Fukushima as Manufactured Disaster

13.07.2010

Susanne Gerber

by CHRIS WILLIAMS

They may not live in castles anymore, but the glass-plated skyscrapers that
tower over the great cities of the world, in faceless anonymity, still
signify the imperious domain of the ruling elite. It is from these places,
not the featureless depths of the earth’s roiling crust, which were the
decisive cause of the triple nuclear meltdowns at the Fukushima-Daiichi
plant on 11th March 2011.

An independent report <http://naiic.go.jp/en/>  by the Fukushima Nuclear
Accident Independent Investigation Commission (NAIIC), the first independent
investigation committee authorized by the Japanese Diet (parliament) in its
66 year history, was released to both houses of the Diet on July 5. The
chairman of the report begins with zero equivocation as to the ultimate
cause of the nuclear meltdowns, which are still preventing tens of thousands
of people from returning to their homes; returns that for many, are likely
never to come:

„THE EARTHQUAKE AND TSUNAMI of March 11, 2011 were natural disasters of a
magnitude that shocked the entire world.

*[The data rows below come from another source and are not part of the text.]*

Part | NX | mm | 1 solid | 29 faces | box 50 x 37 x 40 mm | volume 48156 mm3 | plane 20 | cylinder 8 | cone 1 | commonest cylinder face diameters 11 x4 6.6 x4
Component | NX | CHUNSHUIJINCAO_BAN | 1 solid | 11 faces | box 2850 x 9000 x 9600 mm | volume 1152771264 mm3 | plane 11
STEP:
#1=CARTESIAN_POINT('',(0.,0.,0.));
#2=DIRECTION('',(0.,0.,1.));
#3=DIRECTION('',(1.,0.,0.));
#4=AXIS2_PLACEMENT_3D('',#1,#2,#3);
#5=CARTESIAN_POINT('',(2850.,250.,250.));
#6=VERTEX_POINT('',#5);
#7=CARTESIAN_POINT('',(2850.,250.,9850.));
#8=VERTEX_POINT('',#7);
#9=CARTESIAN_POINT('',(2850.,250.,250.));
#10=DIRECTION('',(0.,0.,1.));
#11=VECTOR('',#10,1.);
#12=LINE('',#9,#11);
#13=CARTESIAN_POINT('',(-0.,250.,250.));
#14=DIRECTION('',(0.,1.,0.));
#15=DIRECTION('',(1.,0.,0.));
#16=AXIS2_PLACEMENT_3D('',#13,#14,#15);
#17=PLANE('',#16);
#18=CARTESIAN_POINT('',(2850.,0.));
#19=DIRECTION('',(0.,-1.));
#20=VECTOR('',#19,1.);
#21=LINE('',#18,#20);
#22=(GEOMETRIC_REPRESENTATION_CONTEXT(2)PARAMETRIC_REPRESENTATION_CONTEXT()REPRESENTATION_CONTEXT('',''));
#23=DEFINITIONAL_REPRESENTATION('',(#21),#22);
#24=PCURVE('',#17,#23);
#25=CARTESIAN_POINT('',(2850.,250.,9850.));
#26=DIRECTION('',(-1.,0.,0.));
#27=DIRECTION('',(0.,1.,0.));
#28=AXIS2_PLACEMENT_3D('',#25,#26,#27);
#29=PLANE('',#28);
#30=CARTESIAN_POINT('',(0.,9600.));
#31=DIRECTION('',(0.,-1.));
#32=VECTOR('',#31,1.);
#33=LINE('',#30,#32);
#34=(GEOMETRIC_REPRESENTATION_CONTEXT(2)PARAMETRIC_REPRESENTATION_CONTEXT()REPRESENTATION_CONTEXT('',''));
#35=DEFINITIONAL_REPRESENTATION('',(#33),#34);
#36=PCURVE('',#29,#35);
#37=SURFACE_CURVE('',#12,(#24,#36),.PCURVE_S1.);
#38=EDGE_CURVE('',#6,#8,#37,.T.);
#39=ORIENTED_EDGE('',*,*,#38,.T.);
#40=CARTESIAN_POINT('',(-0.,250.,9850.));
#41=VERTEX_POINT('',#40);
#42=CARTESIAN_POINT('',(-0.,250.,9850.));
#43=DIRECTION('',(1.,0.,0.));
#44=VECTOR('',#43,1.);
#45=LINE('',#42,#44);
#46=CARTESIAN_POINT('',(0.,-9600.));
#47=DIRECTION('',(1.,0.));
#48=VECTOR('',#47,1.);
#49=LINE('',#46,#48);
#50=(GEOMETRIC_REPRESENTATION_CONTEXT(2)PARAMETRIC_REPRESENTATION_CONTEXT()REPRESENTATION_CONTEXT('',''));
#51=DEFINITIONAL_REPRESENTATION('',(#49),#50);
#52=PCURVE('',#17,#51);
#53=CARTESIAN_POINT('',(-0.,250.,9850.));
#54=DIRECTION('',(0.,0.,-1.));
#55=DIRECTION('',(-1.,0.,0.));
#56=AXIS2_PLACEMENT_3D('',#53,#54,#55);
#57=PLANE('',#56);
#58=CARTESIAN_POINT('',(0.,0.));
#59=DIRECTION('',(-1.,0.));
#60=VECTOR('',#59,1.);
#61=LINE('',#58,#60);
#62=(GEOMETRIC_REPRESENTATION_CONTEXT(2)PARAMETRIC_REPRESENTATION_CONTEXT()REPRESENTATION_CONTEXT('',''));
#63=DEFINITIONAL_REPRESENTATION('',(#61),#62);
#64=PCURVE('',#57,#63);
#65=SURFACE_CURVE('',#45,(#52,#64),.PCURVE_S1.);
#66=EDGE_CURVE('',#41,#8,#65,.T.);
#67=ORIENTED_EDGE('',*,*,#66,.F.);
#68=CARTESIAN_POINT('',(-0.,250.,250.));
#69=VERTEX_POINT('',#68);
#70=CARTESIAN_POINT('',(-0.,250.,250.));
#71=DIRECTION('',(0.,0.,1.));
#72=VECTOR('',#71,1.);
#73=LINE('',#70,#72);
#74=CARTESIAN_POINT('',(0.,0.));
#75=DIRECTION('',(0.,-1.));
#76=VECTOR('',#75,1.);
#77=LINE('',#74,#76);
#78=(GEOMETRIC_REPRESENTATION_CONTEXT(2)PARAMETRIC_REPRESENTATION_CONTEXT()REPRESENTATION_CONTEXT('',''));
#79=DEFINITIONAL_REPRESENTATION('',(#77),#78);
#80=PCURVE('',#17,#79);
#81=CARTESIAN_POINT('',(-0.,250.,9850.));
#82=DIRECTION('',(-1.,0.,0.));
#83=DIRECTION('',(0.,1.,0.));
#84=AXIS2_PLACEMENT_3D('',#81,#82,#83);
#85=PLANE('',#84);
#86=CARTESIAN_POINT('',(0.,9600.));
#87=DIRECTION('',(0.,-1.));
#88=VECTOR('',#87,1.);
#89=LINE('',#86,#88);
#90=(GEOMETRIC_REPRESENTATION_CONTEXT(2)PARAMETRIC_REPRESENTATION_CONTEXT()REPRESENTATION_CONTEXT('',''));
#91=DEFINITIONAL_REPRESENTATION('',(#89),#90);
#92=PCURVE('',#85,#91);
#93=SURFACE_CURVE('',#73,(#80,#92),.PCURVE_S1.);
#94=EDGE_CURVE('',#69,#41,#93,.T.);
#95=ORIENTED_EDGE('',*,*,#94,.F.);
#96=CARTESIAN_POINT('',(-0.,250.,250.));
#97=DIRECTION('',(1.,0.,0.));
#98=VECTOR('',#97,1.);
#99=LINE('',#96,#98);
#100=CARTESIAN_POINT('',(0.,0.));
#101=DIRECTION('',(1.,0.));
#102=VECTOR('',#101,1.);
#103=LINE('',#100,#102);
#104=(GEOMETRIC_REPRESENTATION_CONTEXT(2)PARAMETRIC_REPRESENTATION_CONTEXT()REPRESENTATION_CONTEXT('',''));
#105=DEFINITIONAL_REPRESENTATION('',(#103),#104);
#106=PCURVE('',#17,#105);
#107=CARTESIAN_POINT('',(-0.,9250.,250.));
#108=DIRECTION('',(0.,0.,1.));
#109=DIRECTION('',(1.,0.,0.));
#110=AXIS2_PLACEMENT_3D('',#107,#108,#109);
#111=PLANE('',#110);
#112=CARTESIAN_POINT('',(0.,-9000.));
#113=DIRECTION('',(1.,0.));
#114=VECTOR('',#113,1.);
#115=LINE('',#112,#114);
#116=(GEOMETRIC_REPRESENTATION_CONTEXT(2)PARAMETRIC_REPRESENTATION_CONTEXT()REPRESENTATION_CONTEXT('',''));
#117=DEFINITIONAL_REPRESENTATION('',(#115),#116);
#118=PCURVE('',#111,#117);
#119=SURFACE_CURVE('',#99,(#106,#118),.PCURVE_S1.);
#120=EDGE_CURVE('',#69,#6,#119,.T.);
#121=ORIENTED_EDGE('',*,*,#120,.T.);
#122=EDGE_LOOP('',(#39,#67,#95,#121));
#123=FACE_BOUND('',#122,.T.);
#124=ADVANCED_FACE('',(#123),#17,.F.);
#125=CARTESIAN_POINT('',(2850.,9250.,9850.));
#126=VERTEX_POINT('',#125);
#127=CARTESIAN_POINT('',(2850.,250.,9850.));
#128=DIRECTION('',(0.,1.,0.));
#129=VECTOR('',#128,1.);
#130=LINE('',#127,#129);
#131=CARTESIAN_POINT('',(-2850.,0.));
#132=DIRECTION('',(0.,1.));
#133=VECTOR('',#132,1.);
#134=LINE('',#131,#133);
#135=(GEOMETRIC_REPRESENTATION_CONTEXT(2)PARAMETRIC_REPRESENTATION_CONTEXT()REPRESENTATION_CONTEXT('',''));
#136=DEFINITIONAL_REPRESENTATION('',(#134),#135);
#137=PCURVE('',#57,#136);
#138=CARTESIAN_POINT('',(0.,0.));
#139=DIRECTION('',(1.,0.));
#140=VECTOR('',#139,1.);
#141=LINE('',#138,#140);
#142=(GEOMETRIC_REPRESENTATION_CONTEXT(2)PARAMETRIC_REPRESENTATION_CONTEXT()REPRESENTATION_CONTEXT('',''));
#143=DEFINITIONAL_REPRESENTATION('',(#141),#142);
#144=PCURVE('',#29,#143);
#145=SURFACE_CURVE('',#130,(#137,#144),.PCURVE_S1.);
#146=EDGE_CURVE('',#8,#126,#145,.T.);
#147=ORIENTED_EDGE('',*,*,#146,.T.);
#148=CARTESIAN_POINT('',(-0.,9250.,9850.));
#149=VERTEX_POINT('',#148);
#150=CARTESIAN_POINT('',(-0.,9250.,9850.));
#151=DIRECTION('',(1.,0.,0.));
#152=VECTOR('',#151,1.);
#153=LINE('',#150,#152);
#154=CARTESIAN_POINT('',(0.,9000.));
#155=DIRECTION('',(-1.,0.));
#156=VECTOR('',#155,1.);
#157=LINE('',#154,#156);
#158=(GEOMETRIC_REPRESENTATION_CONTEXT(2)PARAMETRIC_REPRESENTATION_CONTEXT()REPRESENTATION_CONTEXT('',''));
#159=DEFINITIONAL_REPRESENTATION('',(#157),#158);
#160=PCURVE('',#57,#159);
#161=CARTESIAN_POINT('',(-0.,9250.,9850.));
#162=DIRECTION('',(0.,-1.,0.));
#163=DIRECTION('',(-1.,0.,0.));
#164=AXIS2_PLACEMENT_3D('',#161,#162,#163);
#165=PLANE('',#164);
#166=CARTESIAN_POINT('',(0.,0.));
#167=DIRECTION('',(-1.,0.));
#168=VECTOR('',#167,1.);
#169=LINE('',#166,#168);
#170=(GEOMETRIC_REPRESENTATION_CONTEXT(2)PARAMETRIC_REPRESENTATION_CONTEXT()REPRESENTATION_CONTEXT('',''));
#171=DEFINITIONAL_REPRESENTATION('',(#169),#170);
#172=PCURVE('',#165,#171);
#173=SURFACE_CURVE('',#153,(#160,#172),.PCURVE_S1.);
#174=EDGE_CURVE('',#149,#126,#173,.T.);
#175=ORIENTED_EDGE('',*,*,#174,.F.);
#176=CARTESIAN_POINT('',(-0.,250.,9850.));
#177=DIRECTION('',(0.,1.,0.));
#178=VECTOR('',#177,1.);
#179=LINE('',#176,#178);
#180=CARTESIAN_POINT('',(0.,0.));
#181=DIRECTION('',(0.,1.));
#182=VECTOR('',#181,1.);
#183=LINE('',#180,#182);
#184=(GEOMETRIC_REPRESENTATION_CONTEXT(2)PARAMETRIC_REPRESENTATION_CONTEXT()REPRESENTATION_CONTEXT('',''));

Although triggered by these
cataclysmic events, the subsequent accident at the Fukushima Daiichi Nuclear
Power Plant cannot be regarded as a natural disaster. It was a profoundly
manmade disaster – that could and should have been foreseen and prevented.
And its effects could have been mitigated by a more effective human
response.“

How could such a „profoundly manmade disaster“ have come to pass? A
multitude of errors, „willful negligence“, and a „reluctance to question
authority“ led to nuclear power becoming „an unstoppable force, immune to
scrutiny by civil society. Its regulation was entrusted to the same
government bureaucracy responsible for its promotion.“ It sounds all too
eerily familiar to anyone who has spent time investigating the US nuclear
regulatory body, the Nuclear Regulatory Commission and the collusion between
the NRC and US nuclear corporations.

In a line that must indubitably stoke the anger and sorrow of all those made
homeless, all those who have lost their livelihoods and all those tens of
thousands more who now are left to agonize over radioactive contamination
for themselves and their children for decades to come, the report states,
„The direct causes of the accident were all foreseeable prior to March 11,
2011.“

In other words, contrary to all the talk about „an unforeseeable event“ from
governments around the world and nuclear apologists of the left and right,
the nuclear meltdowns, with all their untold and long-term consequences for
the physical and mental health of the people of the region, were entirely
preventable if the corporation which operated the plants, TEPCO, or the
government bodies charged with regulating the nuclear industry, NISA and
METI, had taken the appropriate safety precautions:

„The operator (TEPCO), the regulatory bodies (NISA and NSC) and the
government body promoting the nuclear power industry (METI), all failed to
correctly develop the most basic safety requirements-such as assessing the
probability of damage, preparing for containing collateral damage from such
a disaster, and developing evacuation plans for the public in the case of a
serious radiation release.“

The report notes that these organizations had known of the inability of the
reactors to withstand such an earthquake and tsunami since 2006. It
recommends across the board, substantive reforms to all aspects of nuclear
regulation, the operation of the plants, the legal framework within which
they operate and the emergency response, evacuation and disaster
preparedness plans, all of which were found wanting.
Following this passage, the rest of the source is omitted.